COLLABORATING IN ANY STYLE

Director Ryan Coogler at Comic Con discussing ‘Black Panther’

Continuing the interview, Mitchell and Göransson talked about the importance of collaborative relationships. Göransson has many: from scoring his first feature (2011’s 30 Minutes or Less) and later working with Ruben Fleisher on the director’s 2018 hit Spider-Man spinoff Venom, to working on TV comedies like Community (where he met Donald Glover, aka “Childish Gambino”) to his long collaboration with Ryan Coogler, stemming from their early college days together at USC.

Prior to Community, Göransson had only known Glover as an actor. One day, Göransson got an email from Glover saying he was looking for someone to mix his new music. When he heard the track Glover sent over, he was blown away—offering to mix it himself. This was the beginning of a collaboration that has included three Childish Gambino albums, a number of top charting songs and multiple Grammy nominations.
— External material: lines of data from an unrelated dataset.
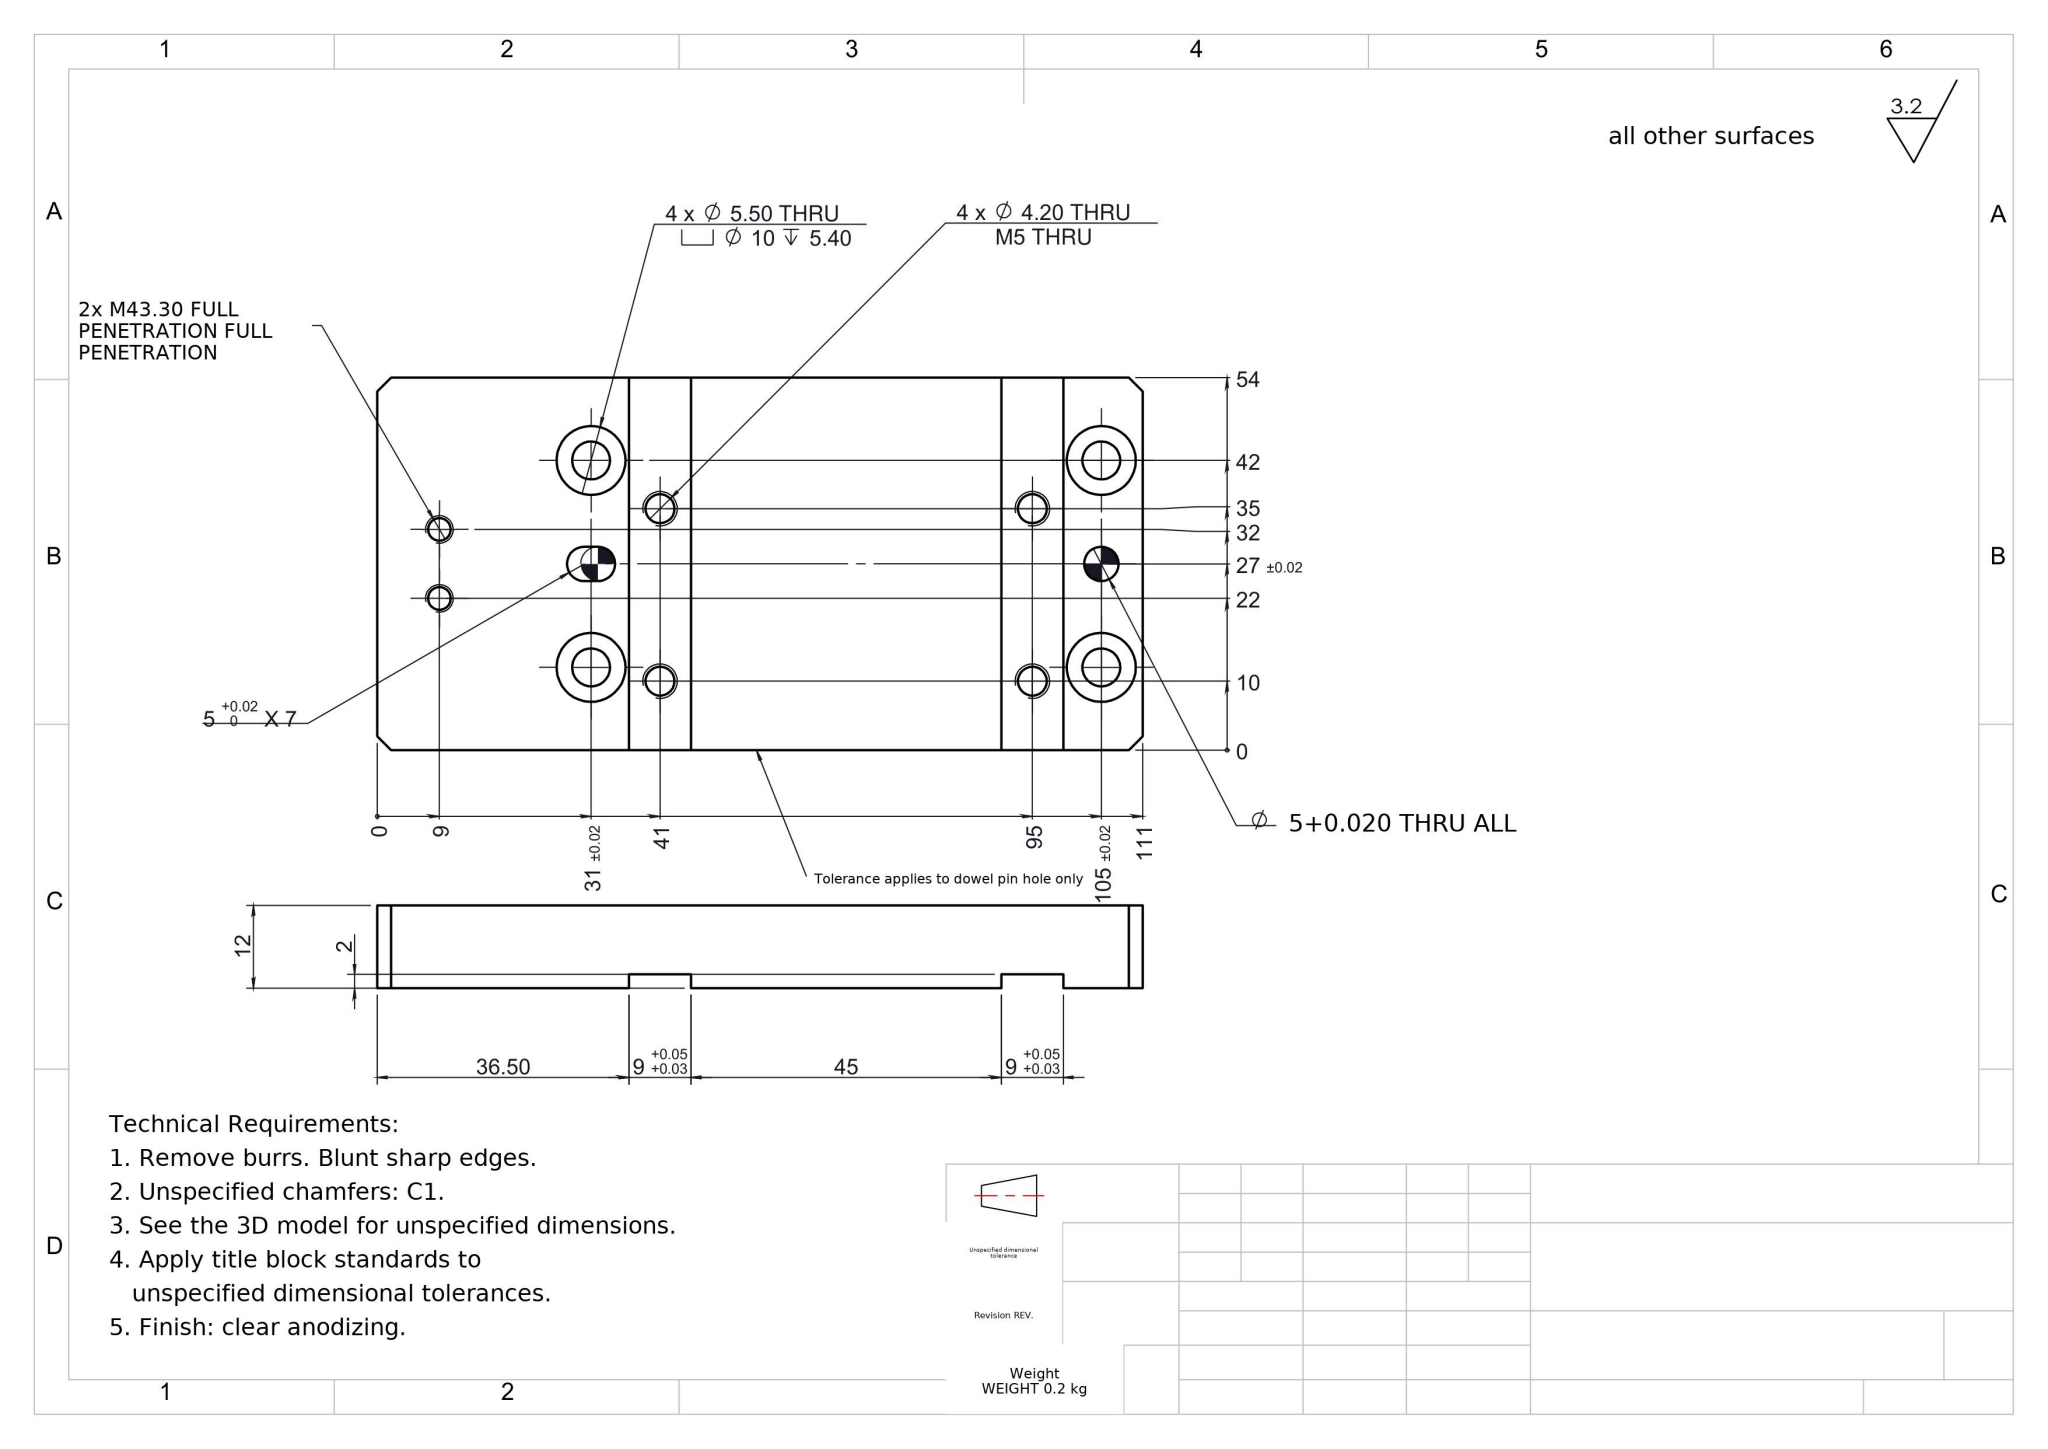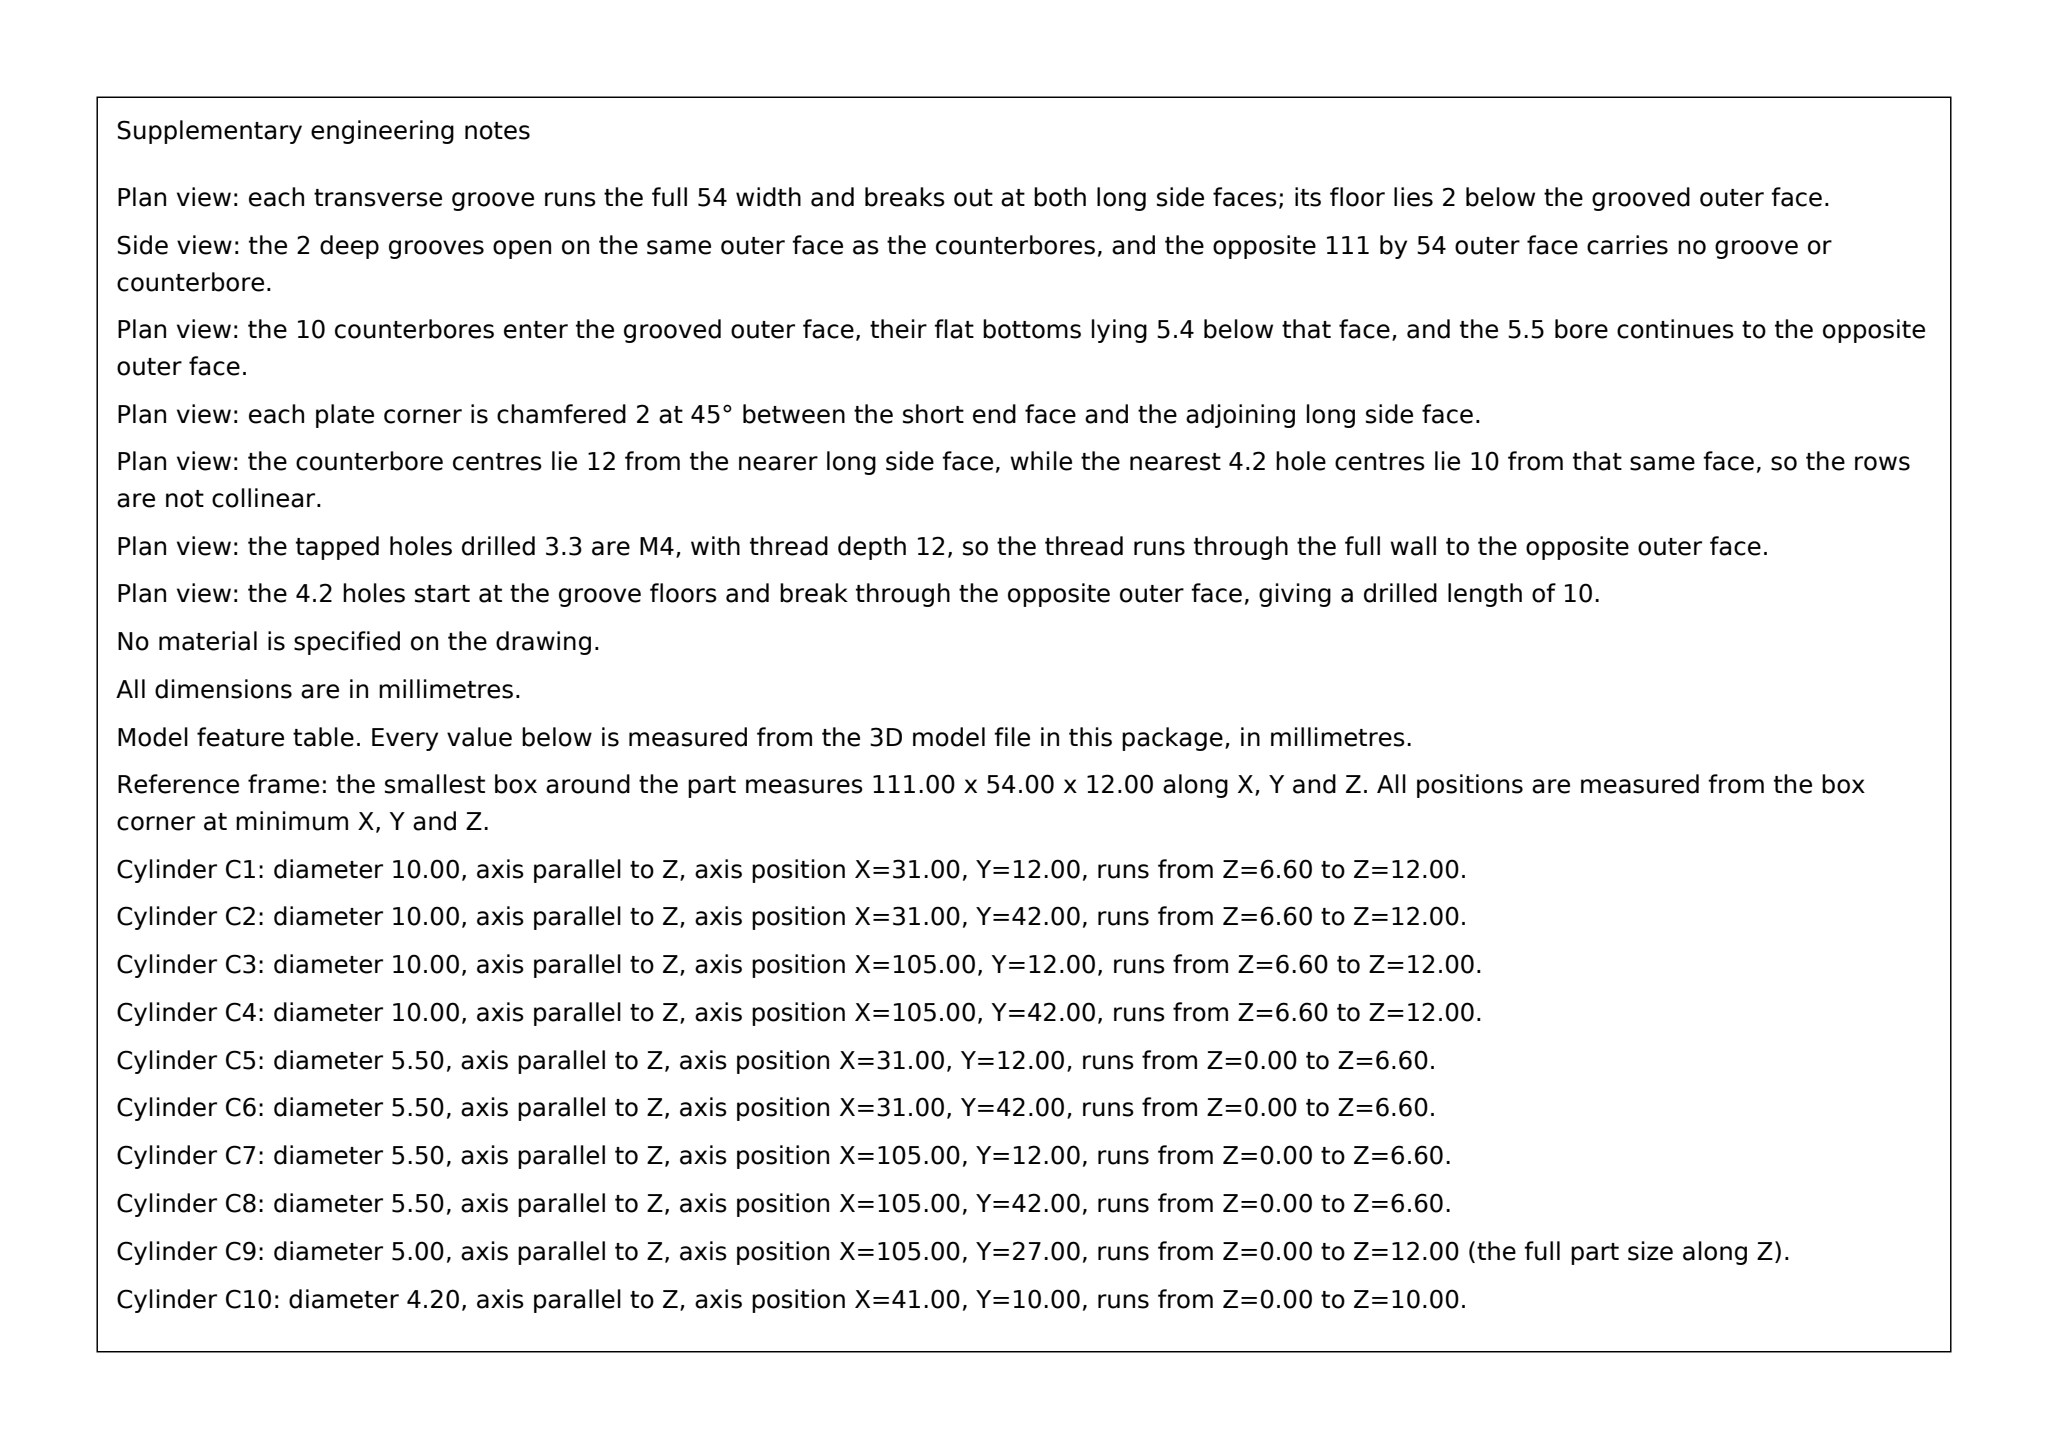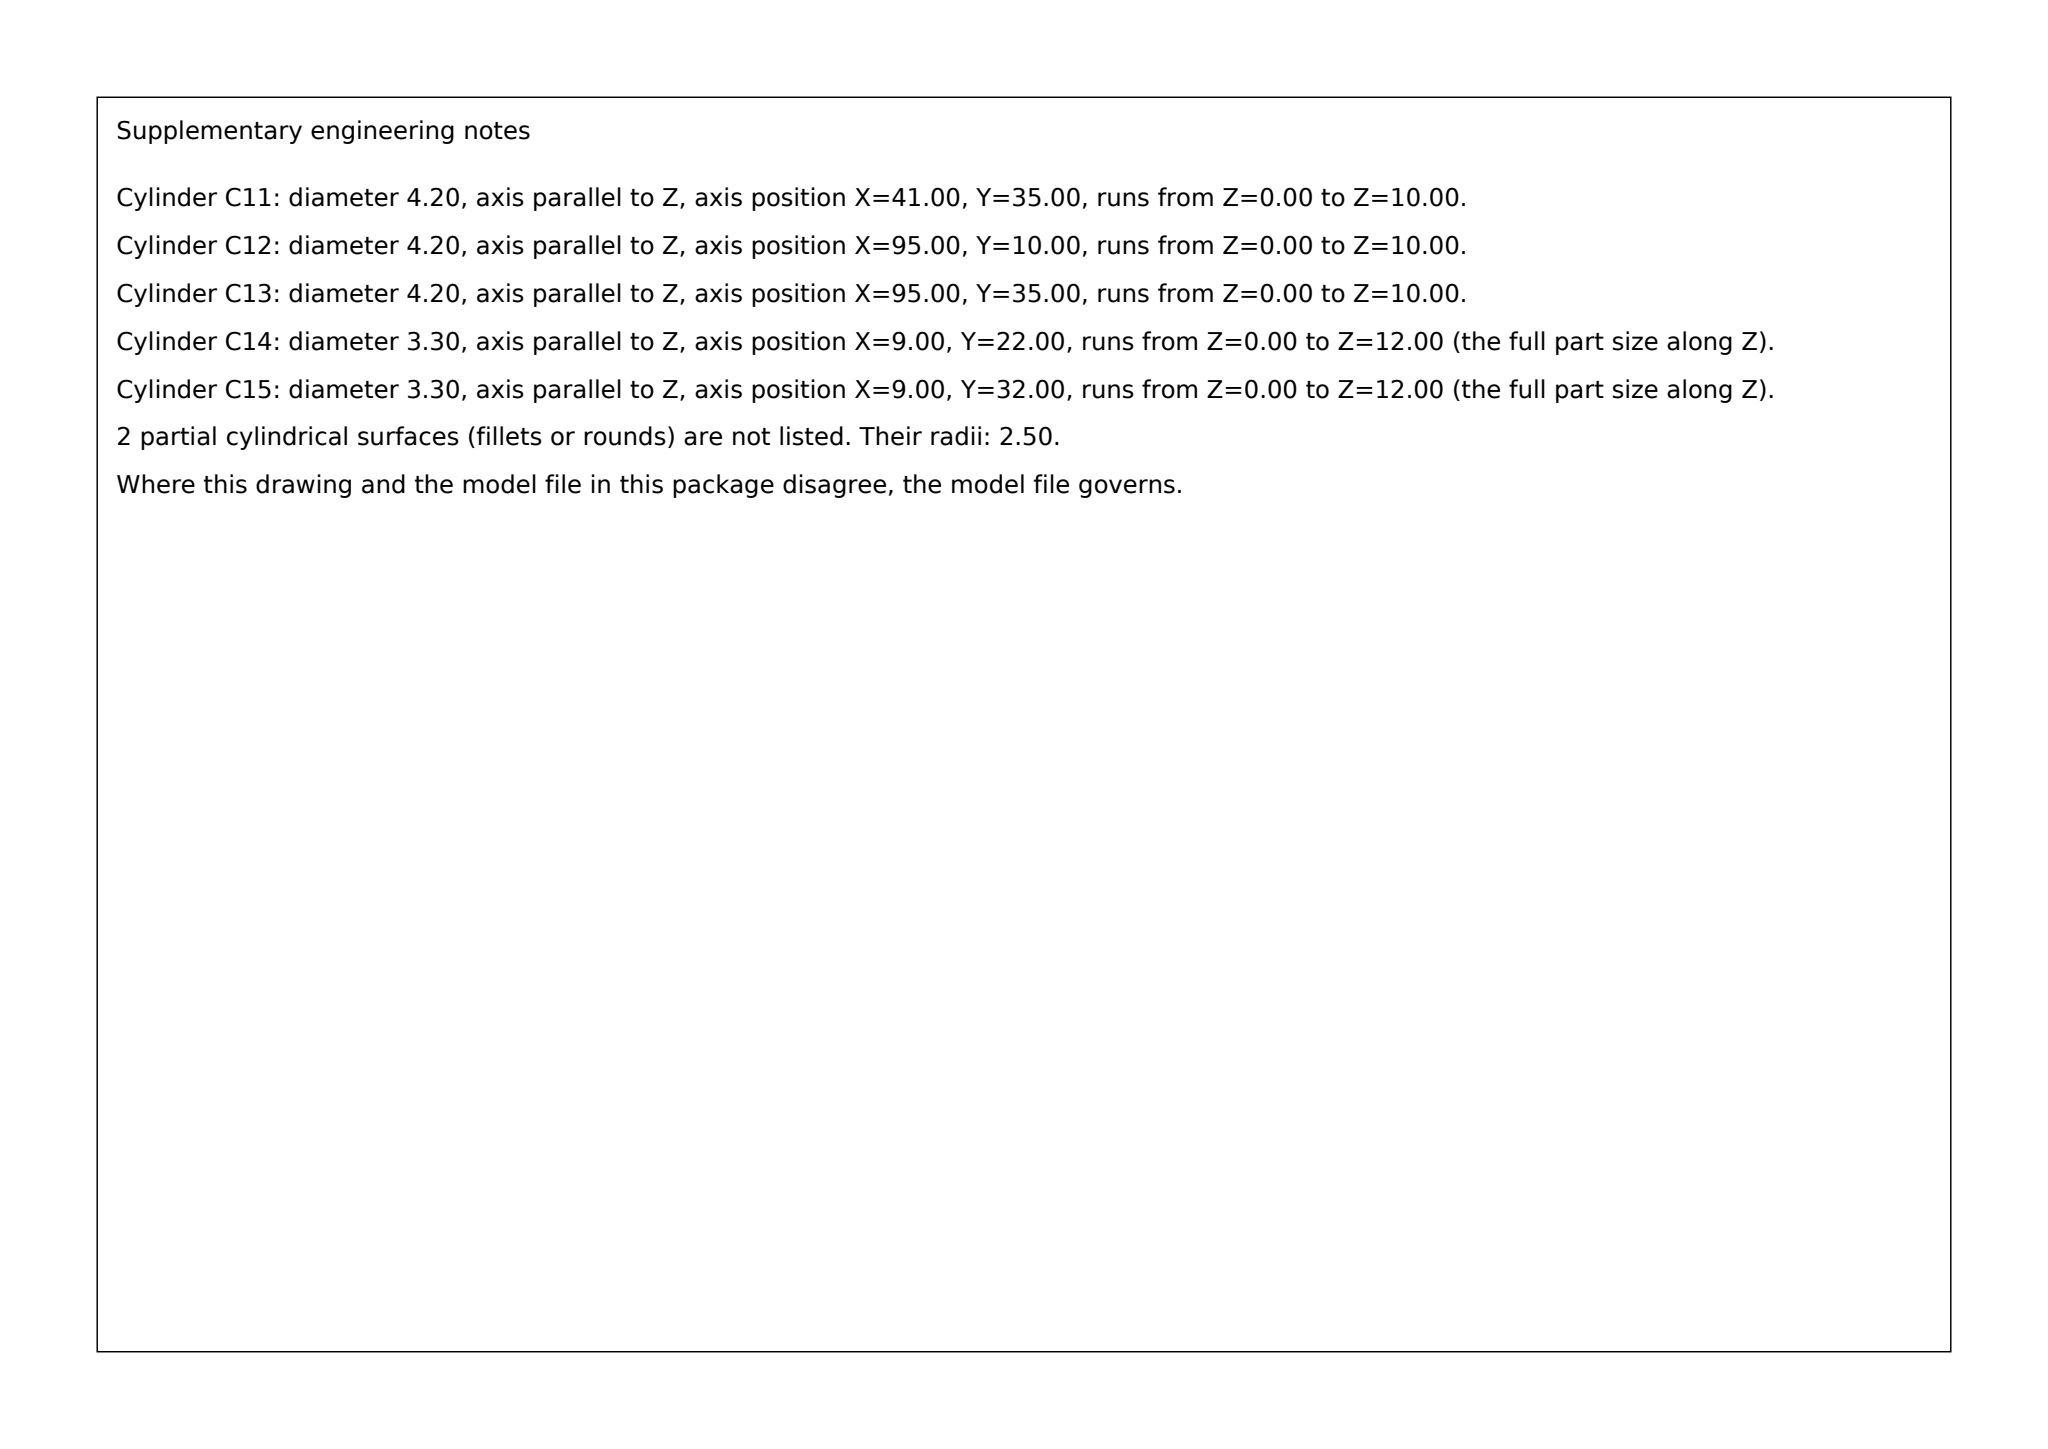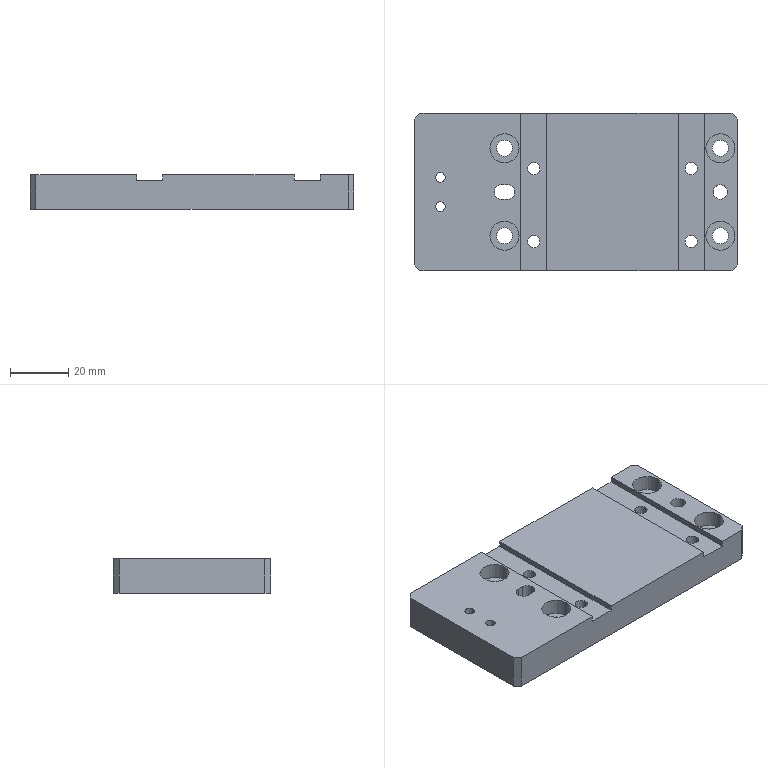Part | SolidWorks | mm | 1 solid | 57 faces | box 111 x 54 x 12 mm | volume 66214 mm3 | cylinder 33 | plane 24 | commonest cylinder face diameters 10 x8 5.5 x8 4.2 x8 5 x5 3.3 x4
Drawing notes:
2X Ø3.30 THRU, M4 THRU (FULL PENETRATION) AT X=9, Y=22 & 32 | from the solid: Ø3.3 z-axis cylinders at (9,22) and (9,32), length 12 = full 12 plate thickness
build123d program:
from build123d import *

# Parameters (mm, degrees)
SKETCH1_W                                       = 86
SKETCH1_H                                       = 54
BOSS_EXTRUDE1_DEPTH                             = 12
SKETCH2_W                                       = 9
SKETCH2_H                                       = 54
CUT_EXTRUDE1_DEPTH                              = 2
M5_TAPPED_HOLE1_D                               = 4.2
M5_HEX_SOCKET_HEAD_CAP_SCREW_CBORE1_D           = 5.5
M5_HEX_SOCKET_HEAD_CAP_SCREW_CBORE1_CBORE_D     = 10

Göransson referred to the early days with Glover and Coogler, saying they had been “kids together”—providing a glimpse at how professional and personal relationships overlap over time.

Göransson also referred to Community as a great musical training ground, as each episode typically used a different film genre as a jumping off point, requiring a range of compositional styles. He said it was like getting an assignment each time to create something new from a different musical tradition.

 

A STRING QUINTET

Göransson and five of his very best friends

Next, a string quintet (including Göransson’s wife, violinist Serena McKinney) then played music from Black Panther that accompanies the scene of T’Challa’s father’s death. The ensemble gave a beautiful rendition of the delicate and emotional piece. The scene then played, letting audiences hear how the somewhat sparse music fit in with—and supported—the onscreen action.

 

OLD SCHOOL R&B

Finally, Göransson picked up a guitar, introduced piano and bass players to the stage, and launched into the theme from Creed II. The piano intro was tasty and Göransson played the guitar melody with emotion.

We in the audience were all wondering if Childish Gambino might be part of the evening too, as his music has been so popular with so much of it created in collaboration with Göransson. When Göransson did finally introduce Gambino, the audience leapt up and greeted him with cheers. Together with the band, Glover-as-Gambino performed a reimagined retro-funk version of the artist’s 2016 chart-topper “Redbone.”

From beginning to end, the evening was informative and eclectic in both form and content. Switching from interview to performance and back again kept the interest level high. It was pure fun and felt like a celebration—even more so when the four drummers returned and joined in to complete the circle of celebration.